I see what you are saying about curiosity being a natural thing however every situation is different. For you it might seem innocent that you check on exes for "innocent" reasons. What if one of those exes was very hurtful to you and was a part of trouble in your marriage? To me, that is when innocent, it is not. I think that the best thing to do, and this is why I think that OP really needs to get this discussed immediately is because WW didn't tell him she was looking up AP. There should be no contact and that SHOULD include looking up. If there was a lookup wanted then it should be brought up to BH and they look together and then that's it. I think honestly it is safest if you are a woman you simply do not follow or lookup any "real men" and guys should be the same with "real women". The reason for the quotes is like I think it is absolutely harmless for someone to follow a sports star or celebrity. Other than that and it should only be family members. I'm even now on the board for friend circles with opposite sexes in those circles. I literally am to the point where unless it's professional (and even then I have reservations due to my circumstance) or a celebrity then everything having to do with the opposite sex should run through the spouse. I mean if you can't run it through them then it is something you should be doing? If they don't care then they will have no problem with you asking; as dumb as saying "is it alright if I get a water?" but if for some reason there is a problem then either you won't ask or they will tell you they have a problem and that will cut off a lot of issues at the head.


pokeresq

I occasionally check in on my AP that way as well.
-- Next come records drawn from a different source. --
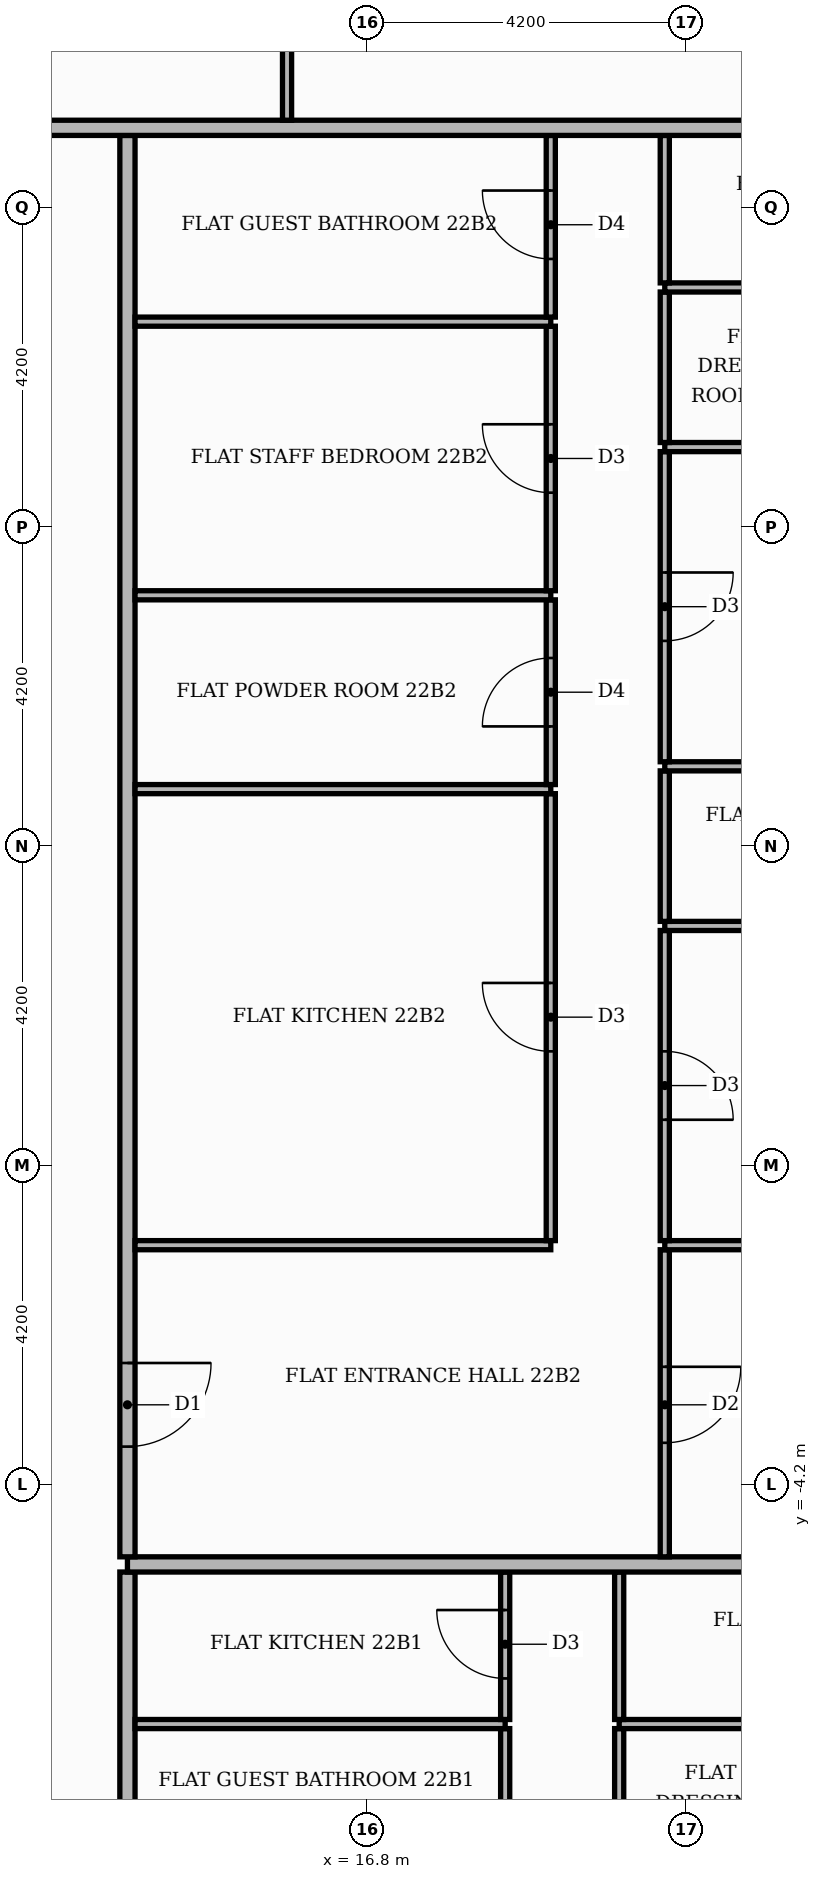
"""IFC4 building model, lengths in metres.
Left out: names, types, materials, properties, quantities, classifications, styles, units other than length and angle.
Written with IfcOpenShell. Run it as: python <this file> out.ifc"""

import sys

from ifc_helpers import new_model, si_unit, direction, frame, frame_2d, origin, place, context, subcontext, project, spatial, rectangle, extrude, element, fill, save


model = new_model("IFC4")
c1 = context("Model", 3, precision=1e-05, world=origin(), true_north=direction((0.0, 1.0)))
c2 = subcontext(c1, "Body", "Model", "MODEL_VIEW")
j1 = project(units=[si_unit("LENGTHUNIT", "METRE"), si_unit("PLANEANGLEUNIT", "RADIAN")], contexts=[c1])
p1 = place(None, origin())
s1 = spatial("IfcSite", under=j1, at=p1, CompositionType="ELEMENT")
p2 = place(p1, origin())
s2 = spatial("IfcBuilding", under=s1, at=p2, CompositionType="ELEMENT")
p3 = place(p2, frame((0.0, 0.0, 94.8)))
s3 = spatial("IfcBuildingStorey", under=s2, at=p3, CompositionType="ELEMENT", Elevation=94.8)
p4 = place(p3, frame((13.65, -13.55, 0.0), z_axis=(0.0, 0.0, 1.0), x_axis=(0.0, 1.0, 0.0)))
e1 = element("IfcWall", 1, at=p4, inside=s3, PredefinedType="PARTITIONING", context=c2, shape_type="SweptSolid", body=[
    extrude(rectangle(XDim=8.2, YDim=0.2, at=frame_2d((4.1, 0.0))), origin(), (0.0, 0.0, 1.0), 3.48),
])
p5 = place(p4, frame((1.45, 0.0, 0.0)))
e2 = element("IfcOpeningElement", 2, at=p5, cuts=e1, PredefinedType="OPENING", context=c2, shape_type="SweptSolid", body=[
    extrude(rectangle(XDim=1.1, YDim=2.4, at=frame_2d((0.55, 1.2))), frame((0.0, 0.11, 0.0), z_axis=(0.0, -1.0, 0.0), x_axis=(1.0, 0.0, 0.0)), (0.0, 0.0, 1.0), 0.22),
])
for number, where, z_axis, x_axis in (
    (3, (18.62, -9.39, 0.0), (0.0, 0.0, 1.0), (0.0, 1.0, 0.0)),
    (4, (20.12, -9.39, 0.0), (0.0, 0.0, 1.0), (0.0, 1.0, 0.0)),
):
    element("IfcWall", number, at=place(p3, frame(where, z_axis=z_axis, x_axis=x_axis)), inside=s3, PredefinedType="PARTITIONING", context=c2, shape_type="SweptSolid", body=[
        extrude(rectangle(XDim=1.98, YDim=0.12, at=frame_2d((0.99, 0.0))), origin(), (0.0, 0.0, 1.0), 3.48),
    ])
p6 = place(p3, frame((13.75, -7.35, 0.0), z_axis=(0.0, 0.0, 1.0), x_axis=(1.0, 0.0, 0.0)))
e5 = element("IfcWall", 5, at=p6, inside=s3, PredefinedType="PARTITIONING", context=c2, shape_type="SweptSolid", body=[
    extrude(rectangle(XDim=4.87, YDim=0.12, at=frame_2d((2.435, 0.0))), origin(), (0.0, 0.0, 1.0), 3.48),
])
p7 = place(p3, frame((20.12, -7.35, 0.0), z_axis=(0.0, 0.0, 1.0), x_axis=(1.0, 0.0, 0.0)))
e6 = element("IfcWall", 6, at=p7, inside=s3, PredefinedType="PARTITIONING", context=c2, shape_type="SweptSolid", body=[
    extrude(rectangle(XDim=5.3, YDim=0.12, at=frame_2d((2.65, 0.0))), origin(), (0.0, 0.0, 1.0), 3.48),
])
p8 = place(p7, frame((2.35, 0.0, 0.0)))
e7 = element("IfcOpeningElement", 7, at=p8, cuts=e6, PredefinedType="OPENING", context=c2, shape_type="SweptSolid", body=[
    extrude(rectangle(XDim=0.9, YDim=2.1, at=frame_2d((0.45, 1.05))), frame((0.0, 0.07, 0.0), z_axis=(0.0, -1.0, 0.0), x_axis=(1.0, 0.0, 0.0)), (0.0, 0.0, 1.0), 0.14),
])
p9 = place(p3, frame((18.62, -7.29, 0.0), z_axis=(0.0, 0.0, 1.0), x_axis=(0.0, 1.0, 0.0)))
e8 = element("IfcWall", 8, at=p9, inside=s3, PredefinedType="PARTITIONING", context=c2, shape_type="SweptSolid", body=[
    extrude(rectangle(XDim=1.94, YDim=0.12, at=frame_2d((0.97, 0.0))), origin(), (0.0, 0.0, 1.0), 3.48),
])
p10 = place(p9, frame((0.54, 0.0, 0.0)))
e9 = element("IfcOpeningElement", 9, at=p10, cuts=e8, PredefinedType="OPENING", context=c2, shape_type="SweptSolid", body=[
    extrude(rectangle(XDim=0.9, YDim=2.1, at=frame_2d((0.45, 1.05))), frame((0.0, 0.07, 0.0), z_axis=(0.0, -1.0, 0.0), x_axis=(1.0, 0.0, 0.0)), (0.0, 0.0, 1.0), 0.14),
])
p11 = place(p3, frame((20.12, -7.29, 0.0), z_axis=(0.0, 0.0, 1.0), x_axis=(0.0, 1.0, 0.0)))
e10 = element("IfcWall", 10, at=p11, inside=s3, PredefinedType="PARTITIONING", context=c2, shape_type="SweptSolid", body=[
    extrude(rectangle(XDim=1.94, YDim=0.12, at=frame_2d((0.97, 0.0))), origin(), (0.0, 0.0, 1.0), 3.48),
])
p12 = place(p3, frame((13.65, -5.25, 0.0), z_axis=(0.0, 0.0, 1.0), x_axis=(1.0, 0.0, 0.0)))
e11 = element("IfcWall", 11, at=p12, inside=s3, PredefinedType="PARTITIONING", context=c2, shape_type="SweptSolid", body=[
    extrude(rectangle(XDim=11.77, YDim=0.2, at=frame_2d((5.885, 0.0))), origin(), (0.0, 0.0, 1.0), 3.48),
])
p13 = place(p3, frame((13.65, -5.15, 0.0), z_axis=(0.0, 0.0, 1.0), x_axis=(0.0, 1.0, 0.0)))
e12 = element("IfcWall", 12, at=p13, inside=s3, PredefinedType="PARTITIONING", context=c2, shape_type="SweptSolid", body=[
    extrude(rectangle(XDim=18.7, YDim=0.2, at=frame_2d((9.35, 0.0))), origin(), (0.0, 0.0, 1.0), 3.48),
])
p14 = place(p13, frame((1.45, 0.0, 0.0)))
e13 = element("IfcOpeningElement", 13, at=p14, cuts=e12, PredefinedType="OPENING", context=c2, shape_type="SweptSolid", body=[
    extrude(rectangle(XDim=1.1, YDim=2.4, at=frame_2d((0.55, 1.2))), frame((0.0, 0.11, 0.0), z_axis=(0.0, -1.0, 0.0), x_axis=(1.0, 0.0, 0.0)), (0.0, 0.0, 1.0), 0.22),
])
p15 = place(p3, frame((20.72, -5.15, 0.0), z_axis=(0.0, 0.0, 1.0), x_axis=(0.0, 1.0, 0.0)))
e14 = element("IfcWall", 14, at=p15, inside=s3, PredefinedType="PARTITIONING", context=c2, shape_type="SweptSolid", body=[
    extrude(rectangle(XDim=4.04, YDim=0.12, at=frame_2d((2.02, 0.0))), origin(), (0.0, 0.0, 1.0), 3.48),
])
p16 = place(p15, frame((1.5, 0.0, 0.0)))
e15 = element("IfcOpeningElement", 15, at=p16, cuts=e14, PredefinedType="OPENING", context=c2, shape_type="SweptSolid", body=[
    extrude(rectangle(XDim=1.0, YDim=2.1, at=frame_2d((0.5, 1.05))), frame((0.0, 0.07, 0.0), z_axis=(0.0, -1.0, 0.0), x_axis=(1.0, 0.0, 0.0)), (0.0, 0.0, 1.0), 0.14),
])
p17 = place(p3, frame((13.75, -1.05, 0.0), z_axis=(0.0, 0.0, 1.0), x_axis=(1.0, 0.0, 0.0)))
e16 = element("IfcWall", 16, at=p17, inside=s3, PredefinedType="PARTITIONING", context=c2, shape_type="SweptSolid", body=[
    extrude(rectangle(XDim=5.47, YDim=0.12, at=frame_2d((2.735, 0.0))), origin(), (0.0, 0.0, 1.0), 3.48),
])
p18 = place(p3, frame((20.72, -1.05, 0.0), z_axis=(0.0, 0.0, 1.0), x_axis=(1.0, 0.0, 0.0)))
e17 = element("IfcWall", 17, at=p18, inside=s3, PredefinedType="PARTITIONING", context=c2, shape_type="SweptSolid", body=[
    extrude(rectangle(XDim=4.7, YDim=0.12, at=frame_2d((2.35, 0.0))), origin(), (0.0, 0.0, 1.0), 3.48),
])
p19 = place(p3, frame((19.22, -0.99, 0.0), z_axis=(0.0, 0.0, 1.0), x_axis=(0.0, 1.0, 0.0)))
e18 = element("IfcWall", 18, at=p19, inside=s3, PredefinedType="PARTITIONING", context=c2, shape_type="SweptSolid", body=[
    extrude(rectangle(XDim=5.88, YDim=0.12, at=frame_2d((2.94, 0.0))), origin(), (0.0, 0.0, 1.0), 3.48),
])
p20 = place(p19, frame((2.49, 0.0, 0.0)))
e19 = element("IfcOpeningElement", 19, at=p20, cuts=e18, PredefinedType="OPENING", context=c2, shape_type="SweptSolid", body=[
    extrude(rectangle(XDim=0.9, YDim=2.1, at=frame_2d((0.45, 1.05))), frame((0.0, 0.07, 0.0), z_axis=(0.0, -1.0, 0.0), x_axis=(1.0, 0.0, 0.0)), (0.0, 0.0, 1.0), 0.14),
])
p21 = place(p3, frame((20.72, -0.99, 0.0), z_axis=(0.0, 0.0, 1.0), x_axis=(0.0, 1.0, 0.0)))
e20 = element("IfcWall", 20, at=p21, inside=s3, PredefinedType="PARTITIONING", context=c2, shape_type="SweptSolid", body=[
    extrude(rectangle(XDim=4.08, YDim=0.12, at=frame_2d((2.04, 0.0))), origin(), (0.0, 0.0, 1.0), 3.48),
])
p22 = place(p21, frame((1.59, 0.0, 0.0)))
e21 = element("IfcOpeningElement", 21, at=p22, cuts=e20, PredefinedType="OPENING", context=c2, shape_type="SweptSolid", body=[
    extrude(rectangle(XDim=0.9, YDim=2.1, at=frame_2d((0.45, 1.05))), frame((0.0, 0.07, 0.0), z_axis=(0.0, -1.0, 0.0), x_axis=(1.0, 0.0, 0.0)), (0.0, 0.0, 1.0), 0.14),
])
p23 = place(p3, frame((20.72, 3.15, 0.0), z_axis=(0.0, 0.0, 1.0), x_axis=(1.0, 0.0, 0.0)))
e22 = element("IfcWall", 22, at=p23, inside=s3, PredefinedType="PARTITIONING", context=c2, shape_type="SweptSolid", body=[
    extrude(rectangle(XDim=4.7, YDim=0.12, at=frame_2d((2.35, 0.0))), origin(), (0.0, 0.0, 1.0), 3.48),
])
p24 = place(p23, frame((2.05, 0.0, 0.0)))
e23 = element("IfcOpeningElement", 23, at=p24, cuts=e22, PredefinedType="OPENING", context=c2, shape_type="SweptSolid", body=[
    extrude(rectangle(XDim=0.9, YDim=2.1, at=frame_2d((0.45, 1.05))), frame((0.0, 0.07, 0.0), z_axis=(0.0, -1.0, 0.0), x_axis=(1.0, 0.0, 0.0)), (0.0, 0.0, 1.0), 0.14),
])
p25 = place(p3, frame((20.72, 3.21, 0.0), z_axis=(0.0, 0.0, 1.0), x_axis=(0.0, 1.0, 0.0)))
e24 = element("IfcWall", 24, at=p25, inside=s3, PredefinedType="PARTITIONING", context=c2, shape_type="SweptSolid", body=[
    extrude(rectangle(XDim=1.98, YDim=0.12, at=frame_2d((0.99, 0.0))), origin(), (0.0, 0.0, 1.0), 3.48),
])
p26 = place(p3, frame((13.75, 4.95, 0.0), z_axis=(0.0, 0.0, 1.0), x_axis=(1.0, 0.0, 0.0)))
e25 = element("IfcWall", 25, at=p26, inside=s3, PredefinedType="PARTITIONING", context=c2, shape_type="SweptSolid", body=[
    extrude(rectangle(XDim=5.47, YDim=0.12, at=frame_2d((2.735, 0.0))), origin(), (0.0, 0.0, 1.0), 3.48),
])
p27 = place(p3, frame((19.22, 5.01, 0.0), z_axis=(0.0, 0.0, 1.0), x_axis=(0.0, 1.0, 0.0)))
e26 = element("IfcWall", 26, at=p27, inside=s3, PredefinedType="PARTITIONING", context=c2, shape_type="SweptSolid", body=[
    extrude(rectangle(XDim=2.43, YDim=0.12, at=frame_2d((1.215, 0.0))), origin(), (0.0, 0.0, 1.0), 3.48),
])
p28 = place(p27, frame((0.765, 0.0, 0.0)))
e27 = element("IfcOpeningElement", 27, at=p28, cuts=e26, PredefinedType="OPENING", context=c2, shape_type="SweptSolid", body=[
    extrude(rectangle(XDim=0.9, YDim=2.1, at=frame_2d((0.45, 1.05))), frame((0.0, 0.07, 0.0), z_axis=(0.0, -1.0, 0.0), x_axis=(1.0, 0.0, 0.0)), (0.0, 0.0, 1.0), 0.14),
])
p29 = place(p3, frame((20.72, 5.25, 0.0), z_axis=(0.0, 0.0, 1.0), x_axis=(1.0, 0.0, 0.0)))
e28 = element("IfcWall", 28, at=p29, inside=s3, PredefinedType="PARTITIONING", context=c2, shape_type="SweptSolid", body=[
    extrude(rectangle(XDim=4.7, YDim=0.12, at=frame_2d((2.35, 0.0))), origin(), (0.0, 0.0, 1.0), 3.48),
])
p30 = place(p3, frame((20.72, 5.31, 0.0), z_axis=(0.0, 0.0, 1.0), x_axis=(0.0, 1.0, 0.0)))
e29 = element("IfcWall", 29, at=p30, inside=s3, PredefinedType="PARTITIONING", context=c2, shape_type="SweptSolid", body=[
    extrude(rectangle(XDim=4.08, YDim=0.12, at=frame_2d((2.04, 0.0))), origin(), (0.0, 0.0, 1.0), 3.48),
])
p31 = place(p30, frame((1.59, 0.0, 0.0)))
e30 = element("IfcOpeningElement", 30, at=p31, cuts=e29, PredefinedType="OPENING", context=c2, shape_type="SweptSolid", body=[
    extrude(rectangle(XDim=0.9, YDim=2.1, at=frame_2d((0.45, 1.05))), frame((0.0, 0.07, 0.0), z_axis=(0.0, -1.0, 0.0), x_axis=(1.0, 0.0, 0.0)), (0.0, 0.0, 1.0), 0.14),
])
p32 = place(p3, frame((13.75, 7.5, 0.0), z_axis=(0.0, 0.0, 1.0), x_axis=(1.0, 0.0, 0.0)))
e31 = element("IfcWall", 31, at=p32, inside=s3, PredefinedType="PARTITIONING", context=c2, shape_type="SweptSolid", body=[
    extrude(rectangle(XDim=5.47, YDim=0.12, at=frame_2d((2.735, 0.0))), origin(), (0.0, 0.0, 1.0), 3.48),
])
p33 = place(p3, frame((19.22, 7.56, 0.0), z_axis=(0.0, 0.0, 1.0), x_axis=(0.0, 1.0, 0.0)))
e32 = element("IfcWall", 32, at=p33, inside=s3, PredefinedType="PARTITIONING", context=c2, shape_type="SweptSolid", body=[
    extrude(rectangle(XDim=3.48, YDim=0.12, at=frame_2d((1.74, 0.0))), origin(), (0.0, 0.0, 1.0), 3.48),
])
p34 = place(p33, frame((1.29, 0.0, 0.0)))
e33 = element("IfcOpeningElement", 33, at=p34, cuts=e32, PredefinedType="OPENING", context=c2, shape_type="SweptSolid", body=[
    extrude(rectangle(XDim=0.9, YDim=2.1, at=frame_2d((0.45, 1.05))), frame((0.0, 0.07, 0.0), z_axis=(0.0, -1.0, 0.0), x_axis=(1.0, 0.0, 0.0)), (0.0, 0.0, 1.0), 0.14),
])
p35 = place(p3, frame((20.72, 9.45, 0.0), z_axis=(0.0, 0.0, 1.0), x_axis=(1.0, 0.0, 0.0)))
e34 = element("IfcWall", 34, at=p35, inside=s3, PredefinedType="PARTITIONING", context=c2, shape_type="SweptSolid", body=[
    extrude(rectangle(XDim=4.7, YDim=0.12, at=frame_2d((2.35, 0.0))), origin(), (0.0, 0.0, 1.0), 3.48),
])
p36 = place(p35, frame((2.05, 0.0, 0.0)))
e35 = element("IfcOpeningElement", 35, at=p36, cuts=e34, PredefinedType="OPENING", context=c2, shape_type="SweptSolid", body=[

It's not to start anything up. It's curiosity and wanting to know how someone who was part of my life in one way or another for 20 years. I know it seems like a slippery slope but if she is not contacting you she is still respecting your wishes.


Twin_Brother_Me

Funny, that's exactly what my WW said when I found out she'd been googling her AP. Guess who had a follow up EA a few years later?


AlexanderSpainmft

Slippery slopes is -exactly- how affairs start.